The thesis will focus primarily on the design and implementation of experiments studying the relationship between existing MT and QE implementations. The exact settings will be further refined in early stages of the work. The core experiments will build upon existing large data sources for English and Czech, specifically the parallel corpus CzEng and its derived versions in which one of the languages will be provided automatically by a machine translation system. The student will train several QE systems on varying training corpus sizes and with varying number of model parameters and evaluate the precision of these QE systems for MT systems trained on similarly varying corpus sizes.

The final evaluation will test MT, QE and their relation also on test sets of different domains, including e.g. transcripts of spoken language as available in IWSLT. In addition to the custom MT systems, the student will also assess the QE performance on a set of off-the-shelf English->Czech MT systems such as Lindat Translation or Google Translate or their saved past outputs from WMT evaluation campaigns.

The thesis will be supervised in collaboration with Memsource (https://www.memsource.com/).
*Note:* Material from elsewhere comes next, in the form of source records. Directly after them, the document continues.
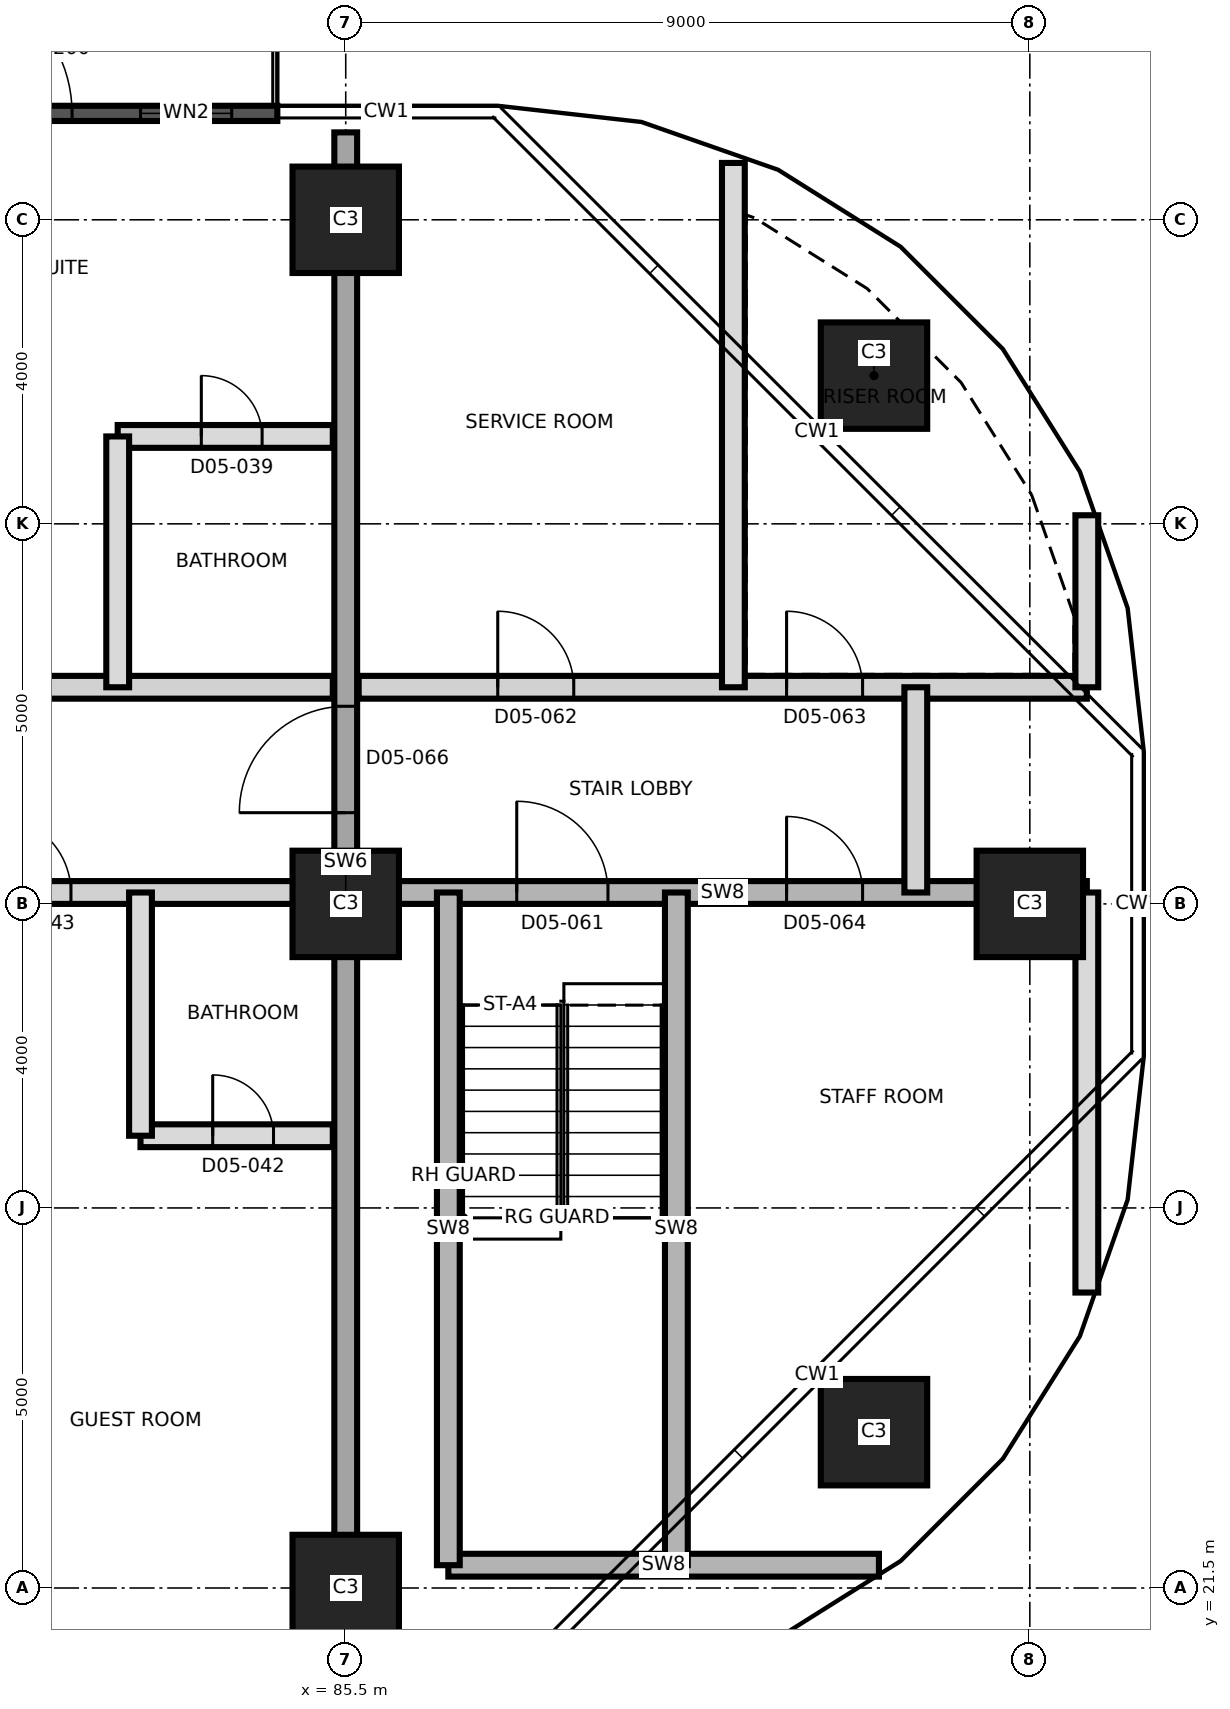
"""IFC4 building model, lengths in metres.
Left out: names, types, materials, properties, quantities, classifications, styles, units other than length and angle.
Written with IfcOpenShell. Run it as: python <this file> out.ifc"""

import sys

from ifc_helpers import new_model, si_unit, direction, frame, frame_2d, origin, origin_2d, place, context, subcontext, project, spatial, rectangle, extrude, element, fill, save


model = new_model("IFC4")
c1 = context("Model", 3, precision=1e-05, world=origin(), true_north=direction((0.0, 1.0)))
c2 = subcontext(c1, "Body", "Model", "MODEL_VIEW")
j1 = project(units=[si_unit("LENGTHUNIT", "METRE"), si_unit("PLANEANGLEUNIT", "RADIAN")], contexts=[c1])
p1 = place(None, origin())
s1 = spatial("IfcSite", under=j1, at=p1, CompositionType="ELEMENT")
p2 = place(p1, origin())
s2 = spatial("IfcBuilding", under=s1, at=p2, CompositionType="ELEMENT")
p3 = place(p2, frame((0.0, 0.0, 74.2)))
s3 = spatial("IfcBuildingStorey", under=s2, at=p3, CompositionType="ELEMENT", Elevation=74.2)
for number, where, z_axis, x_axis in (
    (1, (85.5, 21.5, 0.0), (0.0, 0.0, 1.0), (1.0, 0.0, 0.0)),
    (2, (92.45, 23.55, 0.0), (0.0, 0.0, 1.0), (1.0, 0.0, 0.0)),
    (3, (85.5, 30.5, 0.0), (0.0, 0.0, 1.0), (1.0, 0.0, 0.0)),
    (4, (94.5, 30.5, 0.0), (0.0, 0.0, 1.0), (1.0, 0.0, 0.0)),
    (5, (92.45, 37.45, 0.0), (0.0, 0.0, 1.0), (1.0, 0.0, 0.0)),
    (6, (85.5, 39.5, 0.0), (0.0, 0.0, 1.0), (1.0, 0.0, 0.0)),
):
    element("IfcColumn", number, at=place(p3, frame(where, z_axis=z_axis, x_axis=x_axis)), inside=s3, PredefinedType="COLUMN", context=c2, shape_type="SweptSolid", body=[
        extrude(rectangle(XDim=1.4, YDim=1.4, at=origin_2d()), origin(), (0.0, 0.0, 1.0), 3.7),
    ])
p4 = place(p3, frame((85.5, 20.35, 0.0), z_axis=(0.0, 0.0, 1.0), x_axis=(0.0, 1.0, 0.0)))
e7 = element("IfcWall", 7, at=p4, inside=s3, PredefinedType="SHEAR", context=c2, shape_type="SweptSolid", body=[
    extrude(rectangle(XDim=20.3, YDim=0.3, at=frame_2d((10.15, 0.0))), origin(), (0.0, 0.0, 1.0), 3.7),
])
p5 = place(p4, frame((11.35, 0.0, 0.0)))
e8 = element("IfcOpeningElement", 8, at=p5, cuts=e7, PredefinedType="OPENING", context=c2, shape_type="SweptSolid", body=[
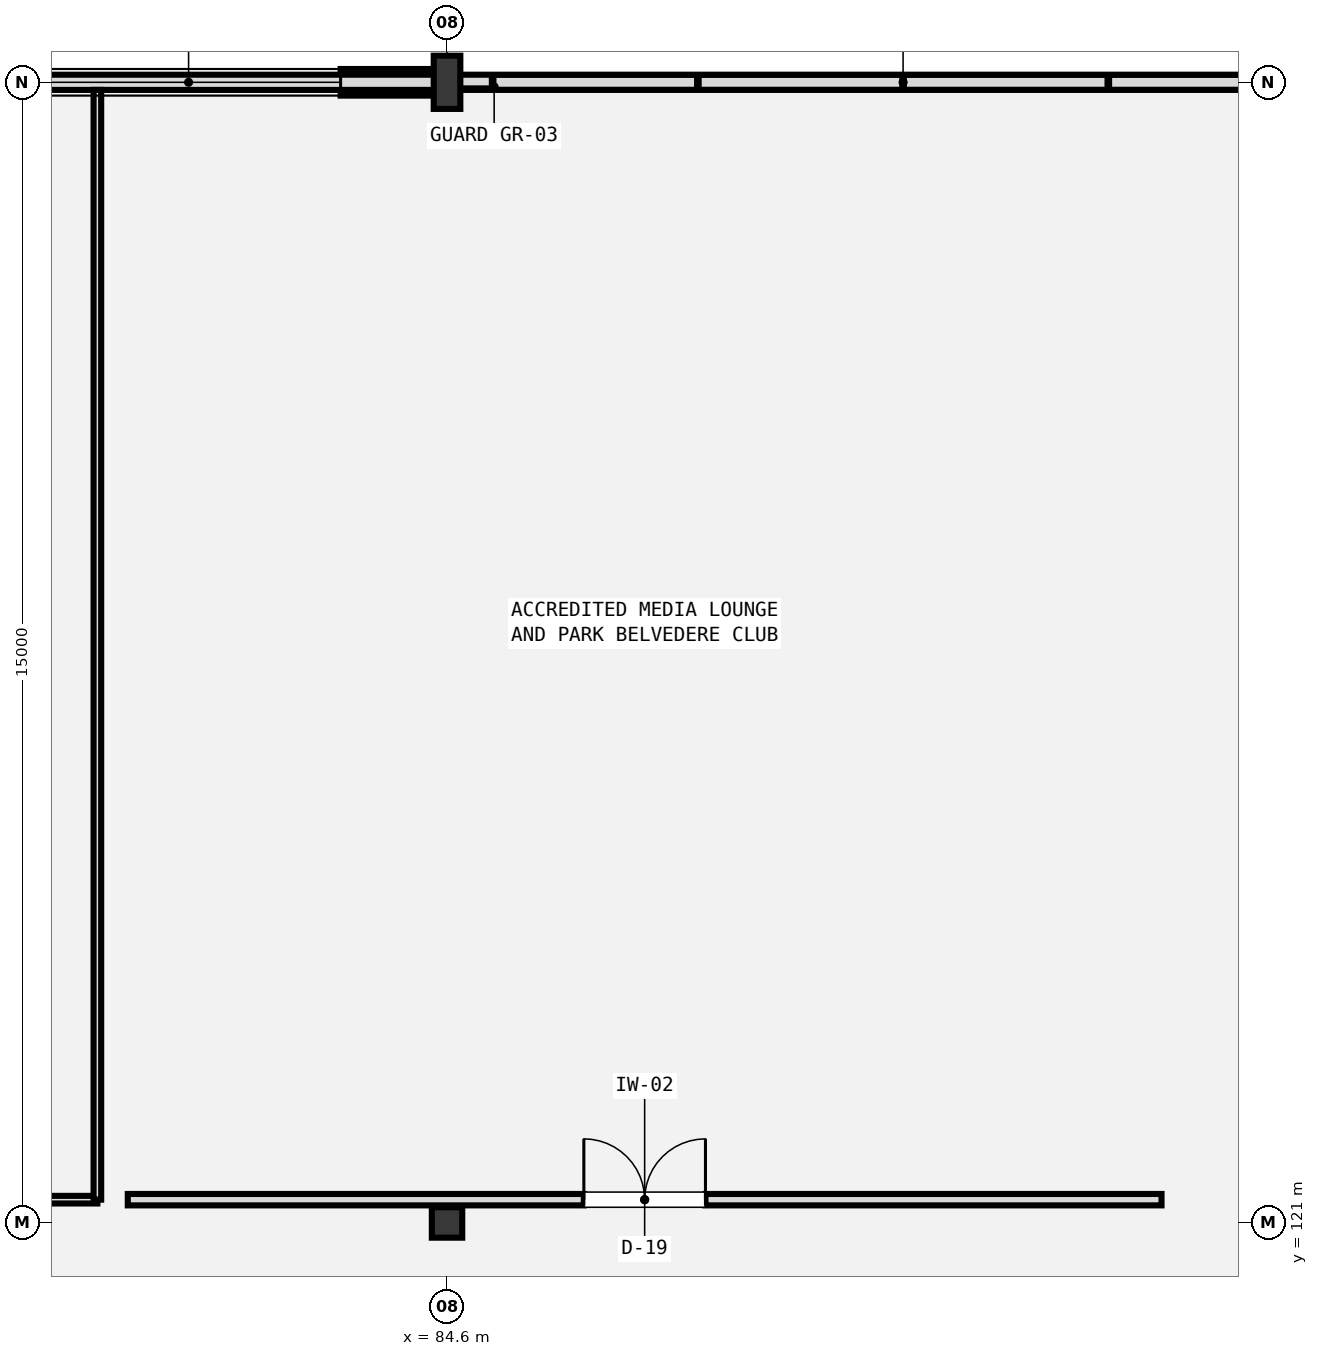
"""IFC4 building model, lengths in metres.
Left out: names, types, materials, properties, quantities, classifications, styles, units other than length and angle.
Written with IfcOpenShell. Run it as: python <this file> out.ifc"""

import sys

from ifc_helpers import new_model, si_unit, direction, frame, frame_2d, origin, origin_2d, place, context, subcontext, project, spatial, rectangle, extrude, element, fill, save


model = new_model("IFC4")
c1 = context("Model", 3, precision=1e-05, world=origin(), true_north=direction((0.0, 1.0)))
c2 = subcontext(c1, "Body", "Model", "MODEL_VIEW")
j1 = project(units=[si_unit("LENGTHUNIT", "METRE"), si_unit("PLANEANGLEUNIT", "RADIAN")], contexts=[c1])
p1 = place(None, origin())
s1 = spatial("IfcSite", under=j1, at=p1, CompositionType="ELEMENT")
p2 = place(p1, origin())
s2 = spatial("IfcBuilding", under=s1, at=p2, CompositionType="ELEMENT")
p3 = place(p2, frame((0.0, 0.0, 18.6)))
s3 = spatial("IfcBuildingStorey", under=s2, at=p3, CompositionType="ELEMENT", Elevation=18.6)
p4 = place(p3, frame((84.6, 121.0, 0.0), z_axis=(0.0, 0.0, 1.0), x_axis=(1.0, 0.0, 0.0)))
e1 = element("IfcColumn", 1, at=p4, inside=s3, PredefinedType="COLUMN", context=c2, shape_type="SweptSolid", body=[
    extrude(rectangle(XDim=0.4, YDim=0.4, at=origin_2d()), origin(), (0.0, 0.0, 1.0), 3.88),
])
p5 = place(p3, frame((84.6, 136.0, 0.0), z_axis=(0.0, 0.0, 1.0), x_axis=(1.0, 0.0, 0.0)))
e2 = element("IfcColumn", 2, at=p5, inside=s3, PredefinedType="COLUMN", context=c2, shape_type="SweptSolid", body=[
    extrude(rectangle(XDim=0.35, YDim=0.7, at=origin_2d()), origin(), (0.0, 0.0, 1.0), 3.88),
])
p6 = place(p3, frame((72.6, 136.0, 0.0), z_axis=(0.0, 0.0, 1.0), x_axis=(1.0, 0.0, 0.0)))
e3 = element("IfcWall", 3, at=p6, inside=s3, PredefinedType="SOLIDWALL", context=c2, shape_type="SweptSolid", body=[
    extrude(rectangle(XDim=12.0, YDim=0.35, at=frame_2d((6.0, 0.0))), origin(), (0.0, 0.0, 1.0), 3.59),
])
p7 = place(p6, frame((1.2, 0.0, 0.95)))
e4 = element("IfcOpeningElement", 4, at=p7, cuts=e3, PredefinedType="OPENING", context=c2, shape_type="SweptSolid", body=[
    extrude(rectangle(XDim=4.5, YDim=1.2, at=frame_2d((2.25, 0.6))), frame((0.0, 0.185, 0.0), z_axis=(0.0, -1.0, 0.0), x_axis=(1.0, 0.0, 0.0)), (0.0, 0.0, 1.0), 0.37),
])
p8 = place(p6, frame((6.6, 0.0, 0.95)))
e5 = element("IfcOpeningElement", 5, at=p8, cuts=e3, PredefinedType="OPENING", context=c2, shape_type="SweptSolid", body=[
    extrude(rectangle(XDim=4.0, YDim=1.2, at=frame_2d((2.0, 0.6))), frame((0.0, 0.185, 0.0), z_axis=(0.0, -1.0, 0.0), x_axis=(1.0, 0.0, 0.0)), (0.0, 0.0, 1.0), 0.37),
])
p9 = place(p3, frame((48.6, 136.0, 4.2), z_axis=(0.0, 0.0, 1.0), x_axis=(1.0, 0.0, 0.0)))
e6 = element("IfcWall", 6, at=p9, inside=s3, PredefinedType="PARAPET", context=c2, shape_type="SweptSolid", body=[
    extrude(rectangle(XDim=48.0, YDim=0.2, at=frame_2d((24.0, 0.0))), origin(), (0.0, 0.0, 1.0), 1.15),
])
p10 = place(p3, frame((66.4, 121.3, 0.0), z_axis=(0.0, 0.0, 1.0), x_axis=(1.0, 0.0, 0.0)))
e7 = element("IfcWall", 7, at=p10, inside=s3, PredefinedType="PARTITIONING", context=c2, shape_type="SweptSolid", body=[
    extrude(rectangle(XDim=13.6, YDim=0.1, at=frame_2d((6.8, 0.0))), origin(), (0.0, 0.0, 1.0), 3.25),
])
p11 = place(p10, frame((2.8, 0.0, 0.0)))
e8 = element("IfcOpeningElement", 8, at=p11, cuts=e7, PredefinedType="OPENING", context=c2, shape_type="SweptSolid", body=[
    extrude(rectangle(XDim=1.1, YDim=2.2, at=frame_2d((0.55, 1.1))), frame((0.0, 0.06, 0.0), z_axis=(0.0, -1.0, 0.0), x_axis=(1.0, 0.0, 0.0)), (0.0, 0.0, 1.0), 0.12),
])
p12 = place(p3, frame((80.0, 121.3, 0.0), z_axis=(0.0, 0.0, 1.0), x_axis=(0.0, 1.0, 0.0)))
e9 = element("IfcWall", 9, at=p12, inside=s3, PredefinedType="PARTITIONING", context=c2, shape_type="SweptSolid", body=[
    extrude(rectangle(XDim=14.6, YDim=0.1, at=frame_2d((7.3, 0.0))), origin(), (0.0, 0.0, 1.0), 3.25),
])
p13 = place(p3, frame((80.4, 121.3, 0.0), z_axis=(0.0, 0.0, 1.0), x_axis=(1.0, 0.0, 0.0)))
e10 = element("IfcWall", 10, at=p13, inside=s3, PredefinedType="PARTITIONING", context=c2, shape_type="SweptSolid", body=[
    extrude(rectangle(XDim=13.6, YDim=0.15, at=frame_2d((6.8, 0.0))), origin(), (0.0, 0.0, 1.0), 3.25),
])
p14 = place(p13, frame((6.0, 0.0, 0.0)))
e11 = element("IfcOpeningElement", 11, at=p14, cuts=e10, PredefinedType="OPENING", context=c2, shape_type="SweptSolid", body=[
    extrude(rectangle(XDim=1.6, YDim=2.2, at=frame_2d((0.8, 1.1))), frame((0.0, 0.085, 0.0), z_axis=(0.0, -1.0, 0.0), x_axis=(1.0, 0.0, 0.0)), (0.0, 0.0, 1.0), 0.17),
])
p15 = place(p8, origin())
e12 = element("IfcWindow", 12, at=p15, inside=s3, PartitioningType="TRIPLE_PANEL_HORIZONTAL", PredefinedType="WINDOW", context=c2, shape_type="SweptSolid", body=[
    extrude(rectangle(XDim=4.0, YDim=1.2, at=frame_2d((2.0, 0.6))), frame((0.0, 0.03, 0.0), z_axis=(0.0, -1.0, 0.0), x_axis=(1.0, 0.0, 0.0)), (0.0, 0.0, 1.0), 0.06),
])
fill(e5, e12)
p16 = place(p14, origin())
e13 = element("IfcDoor", 13, at=p16, inside=s3, OperationType="DOUBLE_DOOR_SINGLE_SWING", PredefinedType="DOOR", context=c2, shape_type="SweptSolid", body=[
    extrude(rectangle(XDim=1.6, YDim=2.2, at=frame_2d((0.8, 1.1))), frame((0.0, 0.025, 0.0), z_axis=(0.0, -1.0, 0.0), x_axis=(1.0, 0.0, 0.0)), (0.0, 0.0, 1.0), 0.05),
])
fill(e11, e13)
save(model, sys.argv[1])

If possible, the test sets used in the thesis could include non-public data available to Memsource.

References

Bojar Ondřej, Dušek Ondřej, Kocmi Tom, Libovický Jindřich, Novák Michal, Popel Martin, Sudarikov Roman, Variš Dušan: CzEng 1.6: Enlarged Czech-English Parallel Corpus with Processing Tools Dockered. In: Lecture Notes in Computer Science, No. 9924, Text, Speech, and Dialogue: 19th International Conference, TSD 2016, Copyright © Springer International Publishing, Cham / Heidelberg / New York / Dordrecht / London, ISBN 978-3-319-45509-9, ISSN 0302-9743, pp. 231-238, 2016.

Fonseca, Erick, Lisa Yankovskaya, André FT Martins, Mark Fishel, and Christian Federmann. "Findings of the WMT 2019 shared task on quality estimation." In Proceedings of the Fourth Conference on Machine Translation. 2019.

Kepler, Fabio, Jonay Trénous, Marcos Treviso, Miguel Vera, António Góis, M. Amin Farajian, António V. Lopes, and André FT Martins. "Unbabel's Participation in the WMT19 Translation Quality Estimation Shared Task." arXiv preprint arXiv:1907.10352 (2019).

Lindat Translation, online service. https://lindat.mff.cuni.cz/services/transformer/

Martins, André FT, Marcin Junczys-Dowmunt, Fabio N. Kepler, Ramón Astudillo, Chris Hokamp, and Roman Grundkiewicz. "Pushing the limits of translation quality estimation." Transactions of the Association for Computational Linguistics 5 (2017): 205-218.

Specia, Lucia, Marco Turchi, Nicola Cancedda, Marc Dymetman, and Nello Cristianini. "Estimating the sentence-level quality of machine translation systems." In 13th Conference of the European Association for Machine Translation, pp. 28-37. 2009.